Nop... el flux es un limpiador y removedor de oxido, pero no protege un circuito del medio ambiente, la silicona tiene la ventaja de ser impermeable, termoaislante y flexible por lo que da muy buenas ventajas para usarse en automoviles (absorbe impactos y no se agrieta)

Una opcion simple pero que solo se puede usar en zonas donde no hay vibraciones podria ser encapsular el circuito con alguna resina poliester, pero tambien trae el inconveniente que una vez endurecido no hay manera de repararlo


----------



## Edel (Jun 26, 2009)

Gracias fernandob, santiago, darkroad, Chico por sus comentarios, solamente una duda ¿ se requiere algun tipo especial de silicona?, pregunto esto por que cuando he tenido que emplearla en aplicaciones que requieren cierto espesor esta permanece sin fraguar en el centro tal y como si estuviera en su envase.
Saludos.


----------



## santiago (Jun 26, 2009)

dale de a capas, osea rellena un poco, espera que se seque bien, después otro poco, y asi, te aseguras que se seca bien en todos lados incluyendo el núcleo, eso o esperar un mes que fragüe jejeje


saludos


----------



## alexus (Jun 26, 2009)

o, el clasico resina en piedra mas alcohol (a eso se le llama flux?).


----------



## santiago (Jun 26, 2009)

si el tema es que como ya dijimos, no sirve para el auto, la silicona te absorbe las vibraciones


----------



## alexus (Jun 26, 2009)

aaah, a bue! no la sabias esa, entonces, haces un moldecito, y pones, capa de silicona, placa, y rellenas todo el paquete!


----------



## Edel (Jun 26, 2009)

Entendido, lo haremos en capas muchas gracias por sus consejos.


----------



## alexus (Jun 26, 2009)

de nada, por mi parte!


----------



## zeta_bola_1 (Jun 26, 2009)

y si lo que hay que tapar es un regulador de alternador de un auto?'?tambien se puede poner silicona(alta temperatura supongo), por que algo asi traia, pero no estoy seguro por que parecia mas durita la pasta


saludos


----------



## electrodan (Jun 27, 2009)

Alguien puede poner una foto?


----------



## zeta_bola_1 (Jun 27, 2009)

estoy en la casa de mi vieja por las elecciones del domingo, el lunes o masrtes pongo una fotito de lo que estoy hablando, quedaron en mi pc


saludos


----------



## Tacatomon (Jun 27, 2009)

Una pregunta

El silicon que aplican para sellar las ventanas, ese que es transparente, no se derrite con el calor una vez solido?.

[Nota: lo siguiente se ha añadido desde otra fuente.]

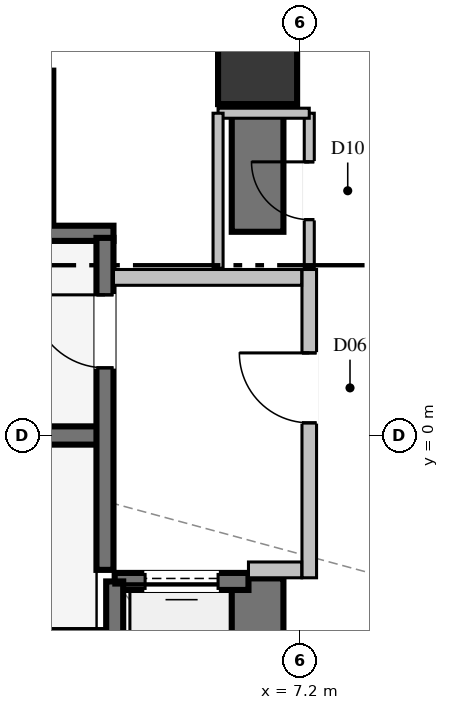
"""IFC4 building model, lengths in metres.
Left out: names, types, materials, properties, quantities, classifications, styles, units other than length and angle.
Written with IfcOpenShell. Run it as: python <this file> out.ifc"""

import sys

from ifc_helpers import new_model, si_unit, direction, frame, frame_2d, origin, origin_2d, place, context, subcontext, project, spatial, rectangle, extrude, element, fill, save


model = new_model("IFC4")
c1 = context("Model", 3, precision=1e-05, world=origin(), true_north=direction((0.0, 1.0)))
c2 = subcontext(c1, "Body", "Model", "MODEL_VIEW")
j1 = project(units=[si_unit("LENGTHUNIT", "METRE"), si_unit("PLANEANGLEUNIT", "RADIAN")], contexts=[c1])
p1 = place(None, origin())
s1 = spatial("IfcSite", under=j1, at=p1, CompositionType="ELEMENT")
p2 = place(p1, origin())
s2 = spatial("IfcBuilding", under=s1, at=p2, CompositionType="ELEMENT")
p3 = place(p2, origin())
s3 = spatial("IfcBuildingStorey", under=s2, at=p3, CompositionType="ELEMENT", Elevation=0.0)
p4 = place(p3, frame((6.5, 6.1, 0.0), z_axis=(0.0, 0.0, 1.0), x_axis=(1.0, 0.0, 0.0)))
e1 = element("IfcColumn", 1, at=p4, inside=s3, PredefinedType="COLUMN", context=c2, shape_type="SweptSolid", body=[
    extrude(rectangle(XDim=1.3, YDim=1.3, at=origin_2d()), origin(), (0.0, 0.0, 1.0), 7.2),
])
p5 = place(p3, frame((-3.99, 0.0, 0.0), z_axis=(0.0, 0.0, 1.0), x_axis=(1.0, 0.0, 0.0)))
e2 = element("IfcWall", 2, at=p5, inside=s3, PredefinedType="SHEAR", context=c2, shape_type="SweptSolid", body=[
    extrude(rectangle(XDim=7.98, YDim=0.3, at=frame_2d((3.99, 0.0))), origin(), (0.0, 0.0, 1.0), 7.2),
])
for number, where, z_axis, x_axis in (
    (3, (-4.13, -3.325, 0.0), (0.0, 0.0, 1.0), (1.0, 0.0, 0.0)),
    (4, (-4.13, 3.325, 0.0), (0.0, 0.0, 1.0), (1.0, 0.0, 0.0)),
):
    element("IfcWall", number, at=place(p3, frame(where, z_axis=z_axis, x_axis=x_axis)), inside=s3, PredefinedType="SOLIDWALL", context=c2, shape_type="SweptSolid", body=[
        extrude(rectangle(XDim=8.26, YDim=0.25, at=frame_2d((4.13, 0.0))), origin(), (0.0, 0.0, 1.0), 7.2),
    ])
p6 = place(p3, frame((5.85, 6.1, 0.0), z_axis=(0.0, 0.0, 1.0), x_axis=(1.0, 0.0, 0.0)))
e5 = element("IfcWall", 5, at=p6, inside=s3, PredefinedType="SHEAR", context=c2, shape_type="SweptSolid", body=[
    extrude(rectangle(XDim=0.225, YDim=0.85, at=frame_2d((0.112, 0.0))), origin(), (0.0, 0.0, 1.0), 7.2),
])
p7 = place(p3, frame((6.5, -6.525, 0.0), z_axis=(0.0, 0.0, 1.0), x_axis=(0.0, 1.0, 0.0)))
e6 = element("IfcWall", 6, at=p7, inside=s3, PredefinedType="SHEAR", context=c2, shape_type="SweptSolid", body=[
    extrude(rectangle(XDim=4.175, YDim=0.85, at=frame_2d((2.087, 0.0))), origin(), (0.0, 0.0, 1.0), 7.2),
])
p8 = place(p3, frame((6.5, 3.35, 0.0), z_axis=(0.0, 0.0, 1.0), x_axis=(0.0, 1.0, 0.0)))
e7 = element("IfcWall", 7, at=p8, inside=s3, PredefinedType="SHEAR", context=c2, shape_type="SweptSolid", body=[
    extrude(rectangle(XDim=3.175, YDim=0.85, at=frame_2d((1.587, 0.0))), origin(), (0.0, 0.0, 1.0), 7.2),
])
p9 = place(p3, frame((3.0, 3.5, 0.0), z_axis=(0.0, 0.0, 1.0), x_axis=(0.0, 1.0, 0.0)))
e8 = element("IfcWall", 8, at=p9, inside=s3, PredefinedType="SOLIDWALL", context=c2, shape_type="SweptSolid", body=[
    extrude(rectangle(XDim=2.5, YDim=0.28, at=frame_2d((1.25, 0.0))), origin(), (0.0, 0.0, 1.0), 6.84),
])
p10 = place(p3, frame((6.35, -2.4, 0.0), z_axis=(0.0, 0.0, 1.0), x_axis=(-1.0, 0.0, 0.0)))
e9 = element("IfcWall", 9, at=p10, inside=s3, PredefinedType="SOLIDWALL", context=c2, shape_type="SweptSolid", body=[
    extrude(rectangle(XDim=2.2, YDim=0.28, at=frame_2d((1.1, 0.0))), origin(), (0.0, 0.0, 1.0), 6.84),
])
p11 = place(p10, frame((0.5, 0.0, 0.0)))
e10 = element("IfcOpeningElement", 10, at=p11, cuts=e9, PredefinedType="OPENING", context=c2, shape_type="SweptSolid", body=[
    extrude(rectangle(XDim=1.2, YDim=2.2, at=frame_2d((0.6, 1.1))), frame((0.0, 0.15, 0.0), z_axis=(0.0, -1.0, 0.0), x_axis=(1.0, 0.0, 0.0)), (0.0, 0.0, 1.0), 0.3),
])
p12 = place(p3, frame((4.15, -2.4, 0.0), z_axis=(0.0, 0.0, 1.0), x_axis=(0.0, -1.0, 0.0)))
e11 = element("IfcWall", 11, at=p12, inside=s3, PredefinedType="SOLIDWALL", context=c2, shape_type="SweptSolid", body=[
    extrude(rectangle(XDim=2.7, YDim=0.28, at=frame_2d((1.35, 0.0))), origin(), (0.0, 0.0, 1.0), 6.84),
])
p13 = place(p3, frame((3.99, -2.21, 0.0), z_axis=(0.0, 0.0, 1.0), x_axis=(0.0, 1.0, 0.0)))
e12 = element("IfcWall", 12, at=p13, inside=s3, PredefinedType="SOLIDWALL", context=c2, shape_type="SweptSolid", body=[
    extrude(rectangle(XDim=5.46, YDim=0.28, at=frame_2d((2.73, 0.0))), origin(), (0.0, 0.0, 1.0), 6.84),
])
p14 = place(p13, frame((3.323, 0.0, 0.0)))
e13 = element("IfcOpeningElement", 13, at=p14, cuts=e12, PredefinedType="OPENING", context=c2, shape_type="SweptSolid", body=[
    extrude(rectangle(XDim=1.2, YDim=2.2, at=frame_2d((0.6, 1.1))), frame((0.0, 0.15, 0.0), z_axis=(0.0, -1.0, 0.0), x_axis=(1.0, 0.0, 0.0)), (0.0, 0.0, 1.0), 0.3),
])
p15 = place(p3, frame((7.35, -2.34, 0.0), z_axis=(0.0, 0.0, 1.0), x_axis=(0.0, 1.0, 0.0)))
e14 = element("IfcWall", 14, at=p15, inside=s3, PredefinedType="PARTITIONING", context=c2, shape_type="SweptSolid", body=[
    extrude(rectangle(XDim=5.07, YDim=0.24, at=frame_2d((2.535, 0.0))), origin(), (0.0, 0.0, 1.0), 5.725),
])
p16 = place(p15, frame((2.548, 0.0, 0.0)))
e15 = element("IfcOpeningElement", 15, at=p16, cuts=e14, PredefinedType="OPENING", context=c2, shape_type="SweptSolid", body=[
    extrude(rectangle(XDim=1.15, YDim=2.2, at=frame_2d((0.575, 1.1))), frame((0.0, 0.13, 0.0), z_axis=(0.0, -1.0, 0.0), x_axis=(1.0, 0.0, 0.0)), (0.0, 0.0, 1.0), 0.26),
])
p17 = place(p3, frame((6.35, -2.21, 0.0), z_axis=(0.0, 0.0, 1.0), x_axis=(1.0, 0.0, 0.0)))
e16 = element("IfcWall", 16, at=p17, inside=s3, PredefinedType="PARTITIONING", context=c2, shape_type="SweptSolid", body=[
    extrude(rectangle(XDim=0.875, YDim=0.26, at=frame_2d((0.438, 0.0))), origin(), (0.0, 0.0, 1.0), 6.84),
])
p18 = place(p3, frame((4.13, 2.6, 0.0), z_axis=(0.0, 0.0, 1.0), x_axis=(1.0, 0.0, 0.0)))
e17 = element("IfcWall", 17, at=p18, inside=s3, PredefinedType="PARTITIONING", context=c2, shape_type="SweptSolid", body=[
    extrude(rectangle(XDim=3.095, YDim=0.26, at=frame_2d((1.548, 0.0))), origin(), (0.0, 0.0, 1.0), 6.84),
])
p19 = place(p3, frame((7.35, 2.75, 0.0), z_axis=(0.0, 0.0, 1.0), x_axis=(0.0, 1.0, 0.0)))
e18 = element("IfcWall", 18, at=p19, inside=s3, PredefinedType="PARTITIONING", context=c2, shape_type="SweptSolid", body=[
    extrude(rectangle(XDim=2.55, YDim=0.165, at=frame_2d((1.275, 0.0))), origin(), (0.0, 0.0, 1.0), 5.725),
])
p20 = place(p19, frame((0.8, 0.0, 0.0)))
e19 = element("IfcOpeningElement", 19, at=p20, cuts=e18, PredefinedType="OPENING", context=c2, shape_type="SweptSolid", body=[
    extrude(rectangle(XDim=0.95, YDim=2.1, at=frame_2d((0.475, 1.05))), frame((0.0, 0.093, 0.0), z_axis=(0.0, -1.0, 0.0), x_axis=(1.0, 0.0, 0.0)), (0.0, 0.0, 1.0), 0.185),
])
p21 = place(p3, frame((7.35, 5.3, 0.0), z_axis=(0.0, 0.0, 1.0), x_axis=(-1.0, 0.0, 0.0)))
e20 = element("IfcWall", 20, at=p21, inside=s3, PredefinedType="PARTITIONING", context=c2, shape_type="SweptSolid", body=[
    extrude(rectangle(XDim=1.5, YDim=0.165, at=frame_2d((0.75, 0.0))), origin(), (0.0, 0.0, 1.0), 4.625),
])
p22 = place(p3, frame((5.85, 5.3, 0.0), z_axis=(0.0, 0.0, 1.0), x_axis=(0.0, -1.0, 0.0)))
e21 = element("IfcWall", 21, at=p22, inside=s3, PredefinedType="PARTITIONING", context=c2, shape_type="SweptSolid", body=[
    extrude(rectangle(XDim=2.55, YDim=0.165, at=frame_2d((1.275, 0.0))), origin(), (0.0, 0.0, 1.0), 5.725),
])
p23 = place(p11, origin())
e22 = element("IfcDoor", 22, at=p23, inside=s3, OperationType="SLIDING_TO_LEFT", PredefinedType="DOOR", context=c2, shape_type="SweptSolid", body=[
    extrude(rectangle(XDim=1.2, YDim=2.2, at=frame_2d((0.6, 1.1))), frame((0.0, 0.025, 0.0), z_axis=(0.0, -1.0, 0.0), x_axis=(1.0, 0.0, 0.0)), (0.0, 0.0, 1.0), 0.05),
])
fill(e10, e22)
p24 = place(p14, origin())
e23 = element("IfcDoor", 23, at=p24, inside=s3, OperationType="SINGLE_SWING_RIGHT", PredefinedType="DOOR", context=c2, shape_type="SweptSolid", body=[
    extrude(rectangle(XDim=1.2, YDim=2.2, at=frame_2d((0.6, 1.1))), frame((0.0, 0.025, 0.0), z_axis=(0.0, -1.0, 0.0), x_axis=(1.0, 0.0, 0.0)), (0.0, 0.0, 1.0), 0.05),
])
fill(e13, e23)
p25 = place(p16, origin())
e24 = element("IfcDoor", 24, at=p25, inside=s3, OperationType="SINGLE_SWING_RIGHT", PredefinedType="DOOR", context=c2, shape_type="SweptSolid", body=[
    extrude(rectangle(XDim=1.15, YDim=2.2, at=frame_2d((0.575, 1.1))), frame((0.0, 0.025, 0.0), z_axis=(0.0, -1.0, 0.0), x_axis=(1.0, 0.0, 0.0)), (0.0, 0.0, 1.0), 0.05),
])
fill(e15, e24)
p26 = place(p20, origin())
e25 = element("IfcDoor", 25, at=p26, inside=s3, OperationType="SINGLE_SWING_RIGHT", PredefinedType="DOOR", context=c2, shape_type="SweptSolid", body=[
    extrude(rectangle(XDim=0.95, YDim=2.1, at=frame_2d((0.475, 1.05))), frame((0.0, 0.025, 0.0), z_axis=(0.0, -1.0, 0.0), x_axis=(1.0, 0.0, 0.0)), (0.0, 0.0, 1.0), 0.05),
])
fill(e19, e25)
save(model, sys.argv[1])

Con la punta del cautin se derretira?.

Saludos.


----------



## zeta_bola_1 (Jun 27, 2009)

hay silicon rojo que es para alta temperatura


----------



## Tacatomon (Jun 27, 2009)

Pero, el blanco soporta, digamos, unos 150°c?

Cuanto se banca realmente, ya que ahora estoy viendo un envase de silicon negro y no dice nada acerca de las temperaturas.

Saludos.


----------



## DOSMETROS (Jun 27, 2009)

Para que las siliconas fraguen más rapidamente y no queden frescas en el centro es necesario calor, unos 60 o 70 grados , durante una horas.

suerte


----------



## elosciloscopio (Jun 27, 2009)

No sabeis lo díficil que es quitarse la pasta térmica de debajo de la uñas!


----------



## zidaemon (Ago 1, 2012)

Muchas gracias ¡¡ ahora a buscar silicona por todos lados


----------